McCoy theorized the larger antlered yearling bucks that dispersed did so because they reached sexual maturity earlier than the spike-antlered yearlings. As a result of being sexually mature, these fork-antlered bucks may have been “triggered” to disperse in an effort to search for females. Or, competition with other bucks for breeding privileges may have been the driving force to disperse. Another theory is these sexually mature yearling bucks wished to avoid inbreeding, so they dispersed outside their mother’s home range.

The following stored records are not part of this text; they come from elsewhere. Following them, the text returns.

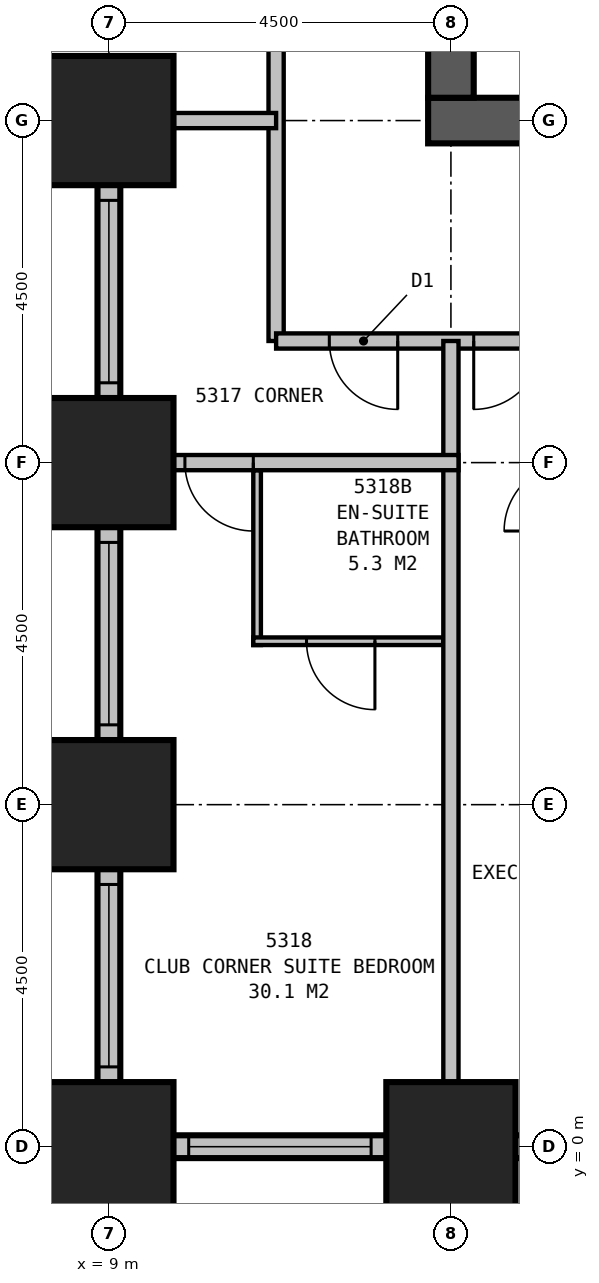
"""IFC4 building model, lengths in metres.
Left out: names, types, materials, properties, quantities, classifications, styles, units other than length and angle.
Written with IfcOpenShell. Run it as: python <this file> out.ifc"""

import sys

from ifc_helpers import new_model, si_unit, direction, frame, frame_2d, origin, origin_2d, place, context, subcontext, project, spatial, rectangle, extrude, element, fill, save


model = new_model("IFC4")
c1 = context("Model", 3, precision=1e-05, world=origin(), true_north=direction((0.0, 1.0)))
c2 = subcontext(c1, "Body", "Model", "MODEL_VIEW")
j1 = project(units=[si_unit("LENGTHUNIT", "METRE"), si_unit("PLANEANGLEUNIT", "RADIAN")], contexts=[c1])
p1 = place(None, origin())
s1 = spatial("IfcSite", under=j1, at=p1, CompositionType="ELEMENT")
p2 = place(p1, origin())
s2 = spatial("IfcBuilding", under=s1, at=p2, CompositionType="ELEMENT")
p3 = place(p2, frame((0.0, 0.0, 204.4)))
s3 = spatial("IfcBuildingStorey", under=s2, at=p3, CompositionType="ELEMENT", Elevation=204.4)
for number, where, z_axis, x_axis in (
    (1, (9.0, 13.5, 0.0), (0.0, 0.0, 1.0), (1.0, 0.0, 0.0)),
    (2, (9.0, 9.0, 0.0), (0.0, 0.0, 1.0), (1.0, 0.0, 0.0)),
    (3, (9.0, 4.5, 0.0), (0.0, 0.0, 1.0), (1.0, 0.0, 0.0)),
    (4, (9.0, 0.0, 0.0), (0.0, 0.0, 1.0), (1.0, 0.0, 0.0)),
    (5, (13.5, 0.0, 0.0), (0.0, 0.0, 1.0), (1.0, 0.0, 0.0)),
):
    element("IfcColumn", number, at=place(p3, frame(where, z_axis=z_axis, x_axis=x_axis)), inside=s3, PredefinedType="COLUMN", context=c2, shape_type="SweptSolid", body=[
        extrude(rectangle(XDim=1.7, YDim=1.7, at=origin_2d()), origin(), (0.0, 0.0, 1.0), 3.5),
    ])
p4 = place(p3, frame((13.2, 13.5, 0.0), z_axis=(0.0, 0.0, 1.0), x_axis=(1.0, 0.0, 0.0)))
e6 = element("IfcWall", 6, at=p4, inside=s3, PredefinedType="SHEAR", context=c2, shape_type="SweptSolid", body=[
    extrude(rectangle(XDim=23.1, YDim=0.6, at=frame_2d((11.55, 0.0))), origin(), (0.0, 0.0, 1.0), 3.5),
])
p5 = place(p3, frame((13.5, 16.5, 0.0), z_axis=(0.0, 0.0, 1.0), x_axis=(0.0, -1.0, 0.0)))
e7 = element("IfcWall", 7, at=p5, inside=s3, PredefinedType="SHEAR", context=c2, shape_type="SweptSolid", body=[
    extrude(rectangle(XDim=2.7, YDim=0.6, at=frame_2d((1.35, 0.0))), origin(), (0.0, 0.0, 1.0), 3.5),
])
p6 = place(p3, frame((1.35, 13.5, 0.0), z_axis=(0.0, 0.0, 1.0), x_axis=(1.0, 0.0, 0.0)))
e8 = element("IfcWall", 8, at=p6, inside=s3, PredefinedType="STANDARD", context=c2, shape_type="SweptSolid", body=[
    extrude(rectangle(XDim=7.8, YDim=0.3, at=frame_2d((3.9, 0.0))), origin(), (0.0, 0.0, 1.0), 2.25),
])
p7 = place(p6, frame((1.2, 0.0, 0.5)))
e9 = element("IfcOpeningElement", 9, at=p7, cuts=e8, PredefinedType="OPENING", context=c2, shape_type="SweptSolid", body=[
    extrude(rectangle(XDim=0.9, YDim=1.6, at=frame_2d((0.45, 0.8))), frame((0.0, 0.16, 0.0), z_axis=(0.0, -1.0, 0.0), x_axis=(1.0, 0.0, 0.0)), (0.0, 0.0, 1.0), 0.32),
])
p8 = place(p6, frame((4.2, 0.0, 0.5)))
e10 = element("IfcOpeningElement", 10, at=p8, cuts=e8, PredefinedType="OPENING", context=c2, shape_type="SweptSolid", body=[
    extrude(rectangle(XDim=2.4, YDim=1.6, at=frame_2d((1.2, 0.8))), frame((0.0, 0.16, 0.0), z_axis=(0.0, -1.0, 0.0), x_axis=(1.0, 0.0, 0.0)), (0.0, 0.0, 1.0), 0.32),
])
p9 = place(p3, frame((9.0, 13.65, 0.0), z_axis=(0.0, 0.0, 1.0), x_axis=(0.0, -1.0, 0.0)))
e11 = element("IfcWall", 11, at=p9, inside=s3, PredefinedType="STANDARD", context=c2, shape_type="SweptSolid", body=[
    extrude(rectangle(XDim=13.8, YDim=0.3, at=frame_2d((6.9, 0.0))), origin(), (0.0, 0.0, 1.0), 2.25),
])
p10 = place(p9, frame((1.2, 0.0, 0.5)))
e12 = element("IfcOpeningElement", 12, at=p10, cuts=e11, PredefinedType="OPENING", context=c2, shape_type="SweptSolid", body=[
    extrude(rectangle(XDim=2.4, YDim=1.6, at=frame_2d((1.2, 0.8))), frame((0.0, 0.16, 0.0), z_axis=(0.0, -1.0, 0.0), x_axis=(1.0, 0.0, 0.0)), (0.0, 0.0, 1.0), 0.32),
])
p11 = place(p9, frame((5.7, 0.0, 0.5)))
e13 = element("IfcOpeningElement", 13, at=p11, cuts=e11, PredefinedType="OPENING", context=c2, shape_type="SweptSolid", body=[
    extrude(rectangle(XDim=2.4, YDim=1.6, at=frame_2d((1.2, 0.8))), frame((0.0, 0.16, 0.0), z_axis=(0.0, -1.0, 0.0), x_axis=(1.0, 0.0, 0.0)), (0.0, 0.0, 1.0), 0.32),
])
p12 = place(p9, frame((10.2, 0.0, 0.5)))
e14 = element("IfcOpeningElement", 14, at=p12, cuts=e11, PredefinedType="OPENING", context=c2, shape_type="SweptSolid", body=[
    extrude(rectangle(XDim=2.4, YDim=1.6, at=frame_2d((1.2, 0.8))), frame((0.0, 0.16, 0.0), z_axis=(0.0, -1.0, 0.0), x_axis=(1.0, 0.0, 0.0)), (0.0, 0.0, 1.0), 0.32),
])
p13 = place(p3, frame((8.85, 0.0, 0.0), z_axis=(0.0, 0.0, 1.0), x_axis=(1.0, 0.0, 0.0)))
e15 = element("IfcWall", 15, at=p13, inside=s3, PredefinedType="STANDARD", context=c2, shape_type="SweptSolid", body=[
    extrude(rectangle(XDim=36.3, YDim=0.3, at=frame_2d((18.15, 0.0))), origin(), (0.0, 0.0, 1.0), 2.25),
])
p14 = place(p13, frame((1.2, 0.0, 0.5)))
e16 = element("IfcOpeningElement", 16, at=p14, cuts=e15, PredefinedType="OPENING", context=c2, shape_type="SweptSolid", body=[
    extrude(rectangle(XDim=2.4, YDim=1.6, at=frame_2d((1.2, 0.8))), frame((0.0, 0.16, 0.0), z_axis=(0.0, -1.0, 0.0), x_axis=(1.0, 0.0, 0.0)), (0.0, 0.0, 1.0), 0.32),
])
p15 = place(p13, frame((5.7, 0.0, 0.5)))
e17 = element("IfcOpeningElement", 17, at=p15, cuts=e15, PredefinedType="OPENING", context=c2, shape_type="SweptSolid", body=[
    extrude(rectangle(XDim=2.4, YDim=1.6, at=frame_2d((1.2, 0.8))), frame((0.0, 0.16, 0.0), z_axis=(0.0, -1.0, 0.0), x_axis=(1.0, 0.0, 0.0)), (0.0, 0.0, 1.0), 0.32),
])
p16 = place(p13, frame((10.2, 0.0, 0.5)))
e18 = element("IfcOpeningElement", 18, at=p16, cuts=e15, PredefinedType="OPENING", context=c2, shape_type="SweptSolid", body=[
    extrude(rectangle(XDim=2.4, YDim=1.6, at=frame_2d((1.2, 0.8))), frame((0.0, 0.16, 0.0), z_axis=(0.0, -1.0, 0.0), x_axis=(1.0, 0.0, 0.0)), (0.0, 0.0, 1.0), 0.32),
])
p17 = place(p13, frame((14.7, 0.0, 0.5)))
e19 = element("IfcOpeningElement", 19, at=p17, cuts=e15, PredefinedType="OPENING", context=c2, shape_type="SweptSolid", body=[
    extrude(rectangle(XDim=2.4, YDim=1.6, at=frame_2d((1.2, 0.8))), frame((0.0, 0.16, 0.0), z_axis=(0.0, -1.0, 0.0), x_axis=(1.0, 0.0, 0.0)), (0.0, 0.0, 1.0), 0.32),
])
p18 = place(p13, frame((19.2, 0.0, 0.5)))
e20 = element("IfcOpeningElement", 20, at=p18, cuts=e15, PredefinedType="OPENING", context=c2, shape_type="SweptSolid", body=[
    extrude(rectangle(XDim=2.4, YDim=1.6, at=frame_2d((1.2, 0.8))), frame((0.0, 0.16, 0.0), z_axis=(0.0, -1.0, 0.0), x_axis=(1.0, 0.0, 0.0)), (0.0, 0.0, 1.0), 0.32),
])
p19 = place(p13, frame((23.7, 0.0, 0.5)))
e21 = element("IfcOpeningElement", 21, at=p19, cuts=e15, PredefinedType="OPENING", context=c2, shape_type="SweptSolid", body=[
    extrude(rectangle(XDim=2.4, YDim=1.6, at=frame_2d((1.2, 0.8))), frame((0.0, 0.16, 0.0), z_axis=(0.0, -1.0, 0.0), x_axis=(1.0, 0.0, 0.0)), (0.0, 0.0, 1.0), 0.32),
])
p20 = place(p13, frame((28.2, 0.0, 0.5)))
e22 = element("IfcOpeningElement", 22, at=p20, cuts=e15, PredefinedType="OPENING", context=c2, shape_type="SweptSolid", body=[
    extrude(rectangle(XDim=2.4, YDim=1.6, at=frame_2d((1.2, 0.8))), frame((0.0, 0.16, 0.0), z_axis=(0.0, -1.0, 0.0), x_axis=(1.0, 0.0, 0.0)), (0.0, 0.0, 1.0), 0.32),
])
p21 = place(p13, frame((32.7, 0.0, 0.5)))
e23 = element("IfcOpeningElement", 23, at=p21, cuts=e15, PredefinedType="OPENING", context=c2, shape_type="SweptSolid", body=[
    extrude(rectangle(XDim=2.4, YDim=1.6, at=frame_2d((1.2, 0.8))), frame((0.0, 0.16, 0.0), z_axis=(0.0, -1.0, 0.0), x_axis=(1.0, 0.0, 0.0)), (0.0, 0.0, 1.0), 0.32),
])
p22 = place(p3, frame((11.2, 10.6, 0.0), z_axis=(0.0, 0.0, 1.0), x_axis=(1.0, 0.0, 0.0)))
e24 = element("IfcWall", 24, at=p22, inside=s3, PredefinedType="PARTITIONING", context=c2, shape_type="SweptSolid", body=[
    extrude(rectangle(XDim=27.1, YDim=0.2, at=frame_2d((13.55, 0.0))), origin(), (0.0, 0.0, 1.0), 3.25),
])
p23 = place(p22, frame((3.5, 0.0, 0.0), z_axis=(0.0, 0.0, 1.0), x_axis=(-1.0, 0.0, 0.0)))
e25 = element("IfcOpeningElement", 25, at=p23, cuts=e24, PredefinedType="OPENING", context=c2, shape_type="SweptSolid", body=[
    extrude(rectangle(XDim=0.9, YDim=2.1, at=frame_2d((0.45, 1.05))), frame((0.0, 0.11, 0.0), z_axis=(0.0, -1.0, 0.0), x_axis=(1.0, 0.0, 0.0)), (0.0, 0.0, 1.0), 0.22),
])
p24 = place(p22, frame((16.35, 0.0, 0.0), z_axis=(0.0, 0.0, 1.0), x_axis=(-1.0, 0.0, 0.0)))
e26 = element("IfcOpeningElement", 26, at=p24, cuts=e24, PredefinedType="OPENING", context=c2, shape_type="SweptSolid", body=[
    extrude(rectangle(XDim=1.0, YDim=2.1, at=frame_2d((0.5, 1.05))), frame((0.0, 0.11, 0.0), z_axis=(0.0, -1.0, 0.0), x_axis=(1.0, 0.0, 0.0)), (0.0, 0.0, 1.0), 0.22),
])
p25 = place(p22, frame((21.65, 0.0, 0.0), z_axis=(0.0, 0.0, 1.0), x_axis=(-1.0, 0.0, 0.0)))
e27 = element("IfcOpeningElement", 27, at=p25, cuts=e24, PredefinedType="OPENING", context=c2, shape_type="SweptSolid", body=[
    extrude(rectangle(XDim=0.9, YDim=2.1, at=frame_2d((0.45, 1.05))), frame((0.0, 0.11, 0.0), z_axis=(0.0, -1.0, 0.0), x_axis=(1.0, 0.0, 0.0)), (0.0, 0.0, 1.0), 0.22),
])
p26 = place(p22, frame((1.6, 0.0, 0.0), z_axis=(0.0, 0.0, 1.0), x_axis=(-1.0, 0.0, 0.0)))
e28 = element("IfcOpeningElement", 28, at=p26, cuts=e24, PredefinedType="OPENING", context=c2, shape_type="SweptSolid", body=[
    extrude(rectangle(XDim=0.9, YDim=2.1, at=frame_2d((0.45, 1.05))), frame((0.0, 0.11, 0.0), z_axis=(0.0, -1.0, 0.0), x_axis=(1.0, 0.0, 0.0)), (0.0, 0.0, 1.0), 0.22),
])
p27 = place(p22, frame((26.4, 0.0, 0.0), z_axis=(0.0, 0.0, 1.0), x_axis=(-1.0, 0.0, 0.0)))
e29 = element("IfcOpeningElement", 29, at=p27, cuts=e24, PredefinedType="OPENING", context=c2, shape_type="SweptSolid", body=[
    extrude(rectangle(XDim=0.9, YDim=2.1, at=frame_2d((0.45, 1.05))), frame((0.0, 0.11, 0.0), z_axis=(0.0, -1.0, 0.0), x_axis=(1.0, 0.0, 0.0)), (0.0, 0.0, 1.0), 0.22),
])
p28 = place(p3, frame((11.2, 10.6, 0.0), z_axis=(0.0, 0.0, 1.0), x_axis=(0.0, 1.0, 0.0)))
e30 = element("IfcWall", 30, at=p28, inside=s3, PredefinedType="PARTITIONING", context=c2, shape_type="SweptSolid", body=[
    extrude(rectangle(XDim=18.7, YDim=0.2, at=frame_2d((9.35, 0.0))), origin(), (0.0, 0.0, 1.0), 3.25),
])
p29 = place(p28, frame((4.9, 0.0, 0.0)))
e31 = element("IfcOpeningElement", 31, at=p29, cuts=e30, PredefinedType="OPENING", context=c2, shape_type="SweptSolid", body=[
    extrude(rectangle(XDim=1.0, YDim=2.1, at=frame_2d((0.5, 1.05))), frame((0.0, 0.11, 0.0), z_axis=(0.0, -1.0, 0.0), x_axis=(1.0, 0.0, 0.0)), (0.0, 0.0, 1.0), 0.22),
])
p30 = place(p28, frame((9.35, 0.0, 0.0)))
e32 = element("IfcOpeningElement", 32, at=p30, cuts=e30, PredefinedType="OPENING", context=c2, shape_type="SweptSolid", body=[
    extrude(rectangle(XDim=0.9, YDim=2.1, at=frame_2d((0.45, 1.05))), frame((0.0, 0.11, 0.0), z_axis=(0.0, -1.0, 0.0), x_axis=(1.0, 0.0, 0.0)), (0.0, 0.0, 1.0), 0.22),
])
p31 = place(p3, frame((11.2, 13.5, 0.0), z_axis=(0.0, 0.0, 1.0), x_axis=(-1.0, 0.0, 0.0)))
e33 = element("IfcWall", 33, at=p31, inside=s3, PredefinedType="PARTITIONING", context=c2, shape_type="SweptSolid", body=[
    extrude(rectangle(XDim=2.2, YDim=0.2, at=frame_2d((1.1, 0.0))), origin(), (0.0, 0.0, 1.0), 1.95),
])
p32 = place(p3, frame((13.5, 10.6, 0.0), z_axis=(0.0, 0.0, 1.0), x_axis=(0.0, -1.0, 0.0)))
e34 = element("IfcWall", 34, at=p32, inside=s3, PredefinedType="PARTITIONING", context=c2, shape_type="SweptSolid", body=[
    extrude(rectangle(XDim=10.6, YDim=0.2, at=frame_2d((5.3, 0.0))), origin(), (0.0, 0.0, 1.0), 2.25),
])
p33 = place(p3, frame((13.6, 9.0, 0.0), z_axis=(0.0, 0.0, 1.0), x_axis=(-1.0, 0.0, 0.0)))
e35 = element("IfcWall", 35, at=p33, inside=s3, PredefinedType="PARTITIONING", context=c2, shape_type="SweptSolid", body=[
    extrude(rectangle(XDim=4.6, YDim=0.2, at=frame_2d((2.3, 0.0))), origin(), (0.0, 0.0, 1.0), 3.25),
])
p34 = place(p33, frame((2.7, 0.0, 0.0)))
e36 = element("IfcOpeningElement", 36, at=p34, cuts=e35, PredefinedType="OPENING", context=c2, shape_type="SweptSolid", body=[
    extrude(rectangle(XDim=0.9, YDim=2.1, at=frame_2d((0.45, 1.05))), frame((0.0, 0.11, 0.0), z_axis=(0.0, -1.0, 0.0), x_axis=(1.0, 0.0, 0.0)), (0.0, 0.0, 1.0), 0.22),
])
p35 = place(p3, frame((10.95, 8.9, 0.0), z_axis=(0.0, 0.0, 1.0), x_axis=(0.0, -1.0, 0.0)))
e37 = element("IfcWall", 37, at=p35, inside=s3, PredefinedType="PLUMBINGWALL", context=c2, shape_type="SweptSolid", body=[
    extrude(rectangle(XDim=2.3, YDim=0.1, at=frame_2d((1.15, 0.0))), origin(), (0.0, 0.0, 1.0), 3.25),
])
p36 = place(p3, frame((13.4, 6.65, 0.0), z_axis=(0.0, 0.0, 1.0), x_axis=(-1.0, 0.0, 0.0)))
e38 = element("IfcWall", 38, at=p36, inside=s3, PredefinedType="PLUMBINGWALL", context=c2, shape_type="SweptSolid", body=[
    extrude(rectangle(XDim=2.5, YDim=0.1, at=frame_2d((1.25, 0.0))), origin(), (0.0, 0.0, 1.0), 3.25),
])
p37 = place(p36, frame((0.9, 0.0, 0.0)))
e39 = element("IfcOpeningElement", 39, at=p37, cuts=e38, PredefinedType="OPENING", context=c2, shape_type="SweptSolid", body=[
    extrude(rectangle(XDim=0.9, YDim=2.1, at=frame_2d((0.45, 1.05))), frame((0.0, 0.06, 0.0), z_axis=(0.0, -1.0, 0.0), x_axis=(1.0, 0.0, 0.0)), (0.0, 0.0, 1.0), 0.12),
])
p38 = place(p10, origin())
e40 = element("IfcWindow", 40, at=p38, inside=s3, PartitioningType="SINGLE_PANEL", PredefinedType="WINDOW", context=c2, shape_type="SweptSolid", body=[
    extrude(rectangle(XDim=2.4, YDim=1.6, at=frame_2d((1.2, 0.8))), frame((0.0, 0.03, 0.0), z_axis=(0.0, -1.0, 0.0), x_axis=(1.0, 0.0, 0.0)), (0.0, 0.0, 1.0), 0.06),
])
fill(e12, e40)
p39 = place(p11, origin())
e41 = element("IfcWindow", 41, at=p39, inside=s3, PartitioningType="SINGLE_PANEL", PredefinedType="WINDOW", context=c2, shape_type="SweptSolid", body=[
    extrude(rectangle(XDim=2.4, YDim=1.6, at=frame_2d((1.2, 0.8))), frame((0.0, 0.03, 0.0), z_axis=(0.0, -1.0, 0.0), x_axis=(1.0, 0.0, 0.0)), (0.0, 0.0, 1.0), 0.06),
])
fill(e13, e41)
p40 = place(p12, origin())
e42 = element("IfcWindow", 42, at=p40, inside=s3, PartitioningType="SINGLE_PANEL", PredefinedType="WINDOW", context=c2, shape_type="SweptSolid", body=[
    extrude(rectangle(XDim=2.4, YDim=1.6, at=frame_2d((1.2, 0.8))), frame((0.0, 0.03, 0.0), z_axis=(0.0, -1.0, 0.0), x_axis=(1.0, 0.0, 0.0)), (0.0, 0.0, 1.0), 0.06),
])
fill(e14, e42)
p41 = place(p14, origin())
e43 = element("IfcWindow", 43, at=p41, inside=s3, PartitioningType="SINGLE_PANEL", PredefinedType="WINDOW", context=c2, shape_type="SweptSolid", body=[
    extrude(rectangle(XDim=2.4, YDim=1.6, at=frame_2d((1.2, 0.8))), frame((0.0, 0.03, 0.0), z_axis=(0.0, -1.0, 0.0), x_axis=(1.0, 0.0, 0.0)), (0.0, 0.0, 1.0), 0.06),
])
fill(e16, e43)
p42 = place(p23, origin())
e44 = element("IfcDoor", 44, at=p42, inside=s3, OperationType="SINGLE_SWING_RIGHT", PredefinedType="DOOR", context=c2, shape_type="SweptSolid", body=[
    extrude(rectangle(XDim=0.9, YDim=2.1, at=frame_2d((0.45, 1.05))), frame((0.0, 0.025, 0.0), z_axis=(0.0, -1.0, 0.0), x_axis=(1.0, 0.0, 0.0)), (0.0, 0.0, 1.0), 0.05),
])
fill(e25, e44)
p43 = place(p26, origin())
e45 = element("IfcDoor", 45, at=p43, inside=s3, OperationType="SINGLE_SWING_LEFT", PredefinedType="DOOR", context=c2, shape_type="SweptSolid", body=[
    extrude(rectangle(XDim=0.9, YDim=2.1, at=frame_2d((0.45, 1.05))), frame((0.0, 0.025, 0.0), z_axis=(0.0, -1.0, 0.0), x_axis=(1.0, 0.0, 0.0)), (0.0, 0.0, 1.0), 0.05),
])
fill(e28, e45)
p44 = place(p34, origin())
e46 = element("IfcDoor", 46, at=p44, inside=s3, OperationType="SINGLE_SWING_LEFT", PredefinedType="DOOR", context=c2, shape_type="SweptSolid", body=[
    extrude(rectangle(XDim=0.9, YDim=2.1, at=frame_2d((0.45, 1.05))), frame((0.0, 0.025, 0.0), z_axis=(0.0, -1.0, 0.0), x_axis=(1.0, 0.0, 0.0)), (0.0, 0.0, 1.0), 0.05),
])
fill(e36, e46)
p45 = place(p37, origin())
e47 = element("IfcDoor", 47, at=p45, inside=s3, OperationType="SINGLE_SWING_LEFT", PredefinedType="DOOR", context=c2, shape_type="SweptSolid", body=[
    extrude(rectangle(XDim=0.9, YDim=2.1, at=frame_2d((0.45, 1.05))), frame((0.0, 0.025, 0.0), z_axis=(0.0, -1.0, 0.0), x_axis=(1.0, 0.0, 0.0)), (0.0, 0.0, 1.0), 0.05),
])
fill(e39, e47)
save(model, sys.argv[1])

The good news is that the above is not always the case because yearling antler size did not seem to affect dispersal rates on the Callaghan Ranch. On this ranch, 16 of the yearling bucks were spike antlered, of which 11 (69 percent) dispersed. Only six yearling bucks were fork antlered, of which four (67 percent) dispersed.
Results of our on-going South Texas Buck Capture Project clearly show that yearling antler size is a good predictor of future antler size. Spikes, on average, will remain inferior-antlered bucks their entire lives when compared to fork-antlered yearling bucks. Obviously, the fact the larger antlered yearling bucks (those with forked antlers) were more likely to disperse is bad news for landowners and managers on small, low-fenced properties. This means that your neighbors may benefit more from your management program than yourself because your best yearling bucks are the most likely to disperse across the fence! Worse, the survival rates for the non-dispersers is higher meaning that the spike-antlered bucks that “stay home” will likely survive better as a result.
What Can Be Done?
The best ways to combat this dispersal is to plant food plots, erect a high fence around the boundary, or remove does from your herd.
Planting food plots will…..
The new high fence will obviously greatly reduce the chances your best yearling bucks will disperse off of your property.
Another option for small property landowners is to apply the results of the Virginia study to their property. As I pointed out above, the researchers in this study showed that buck fawns were much less likely to disperse if their mothers were removed. These orphaned bucks that stayed home also survived much better than the buck fawns that dispersed. Therefore, landowners could decrease the likelihood of their best bucks dispersing by purposely orphaning them when they were fawns. As a result of the orphaning, they are also likely improving the buck fawn’s chances of surviving.
If you elect to selectively remove does through harvest, I recommend waiting until December or January so that the orphaned fawns are at least four months old.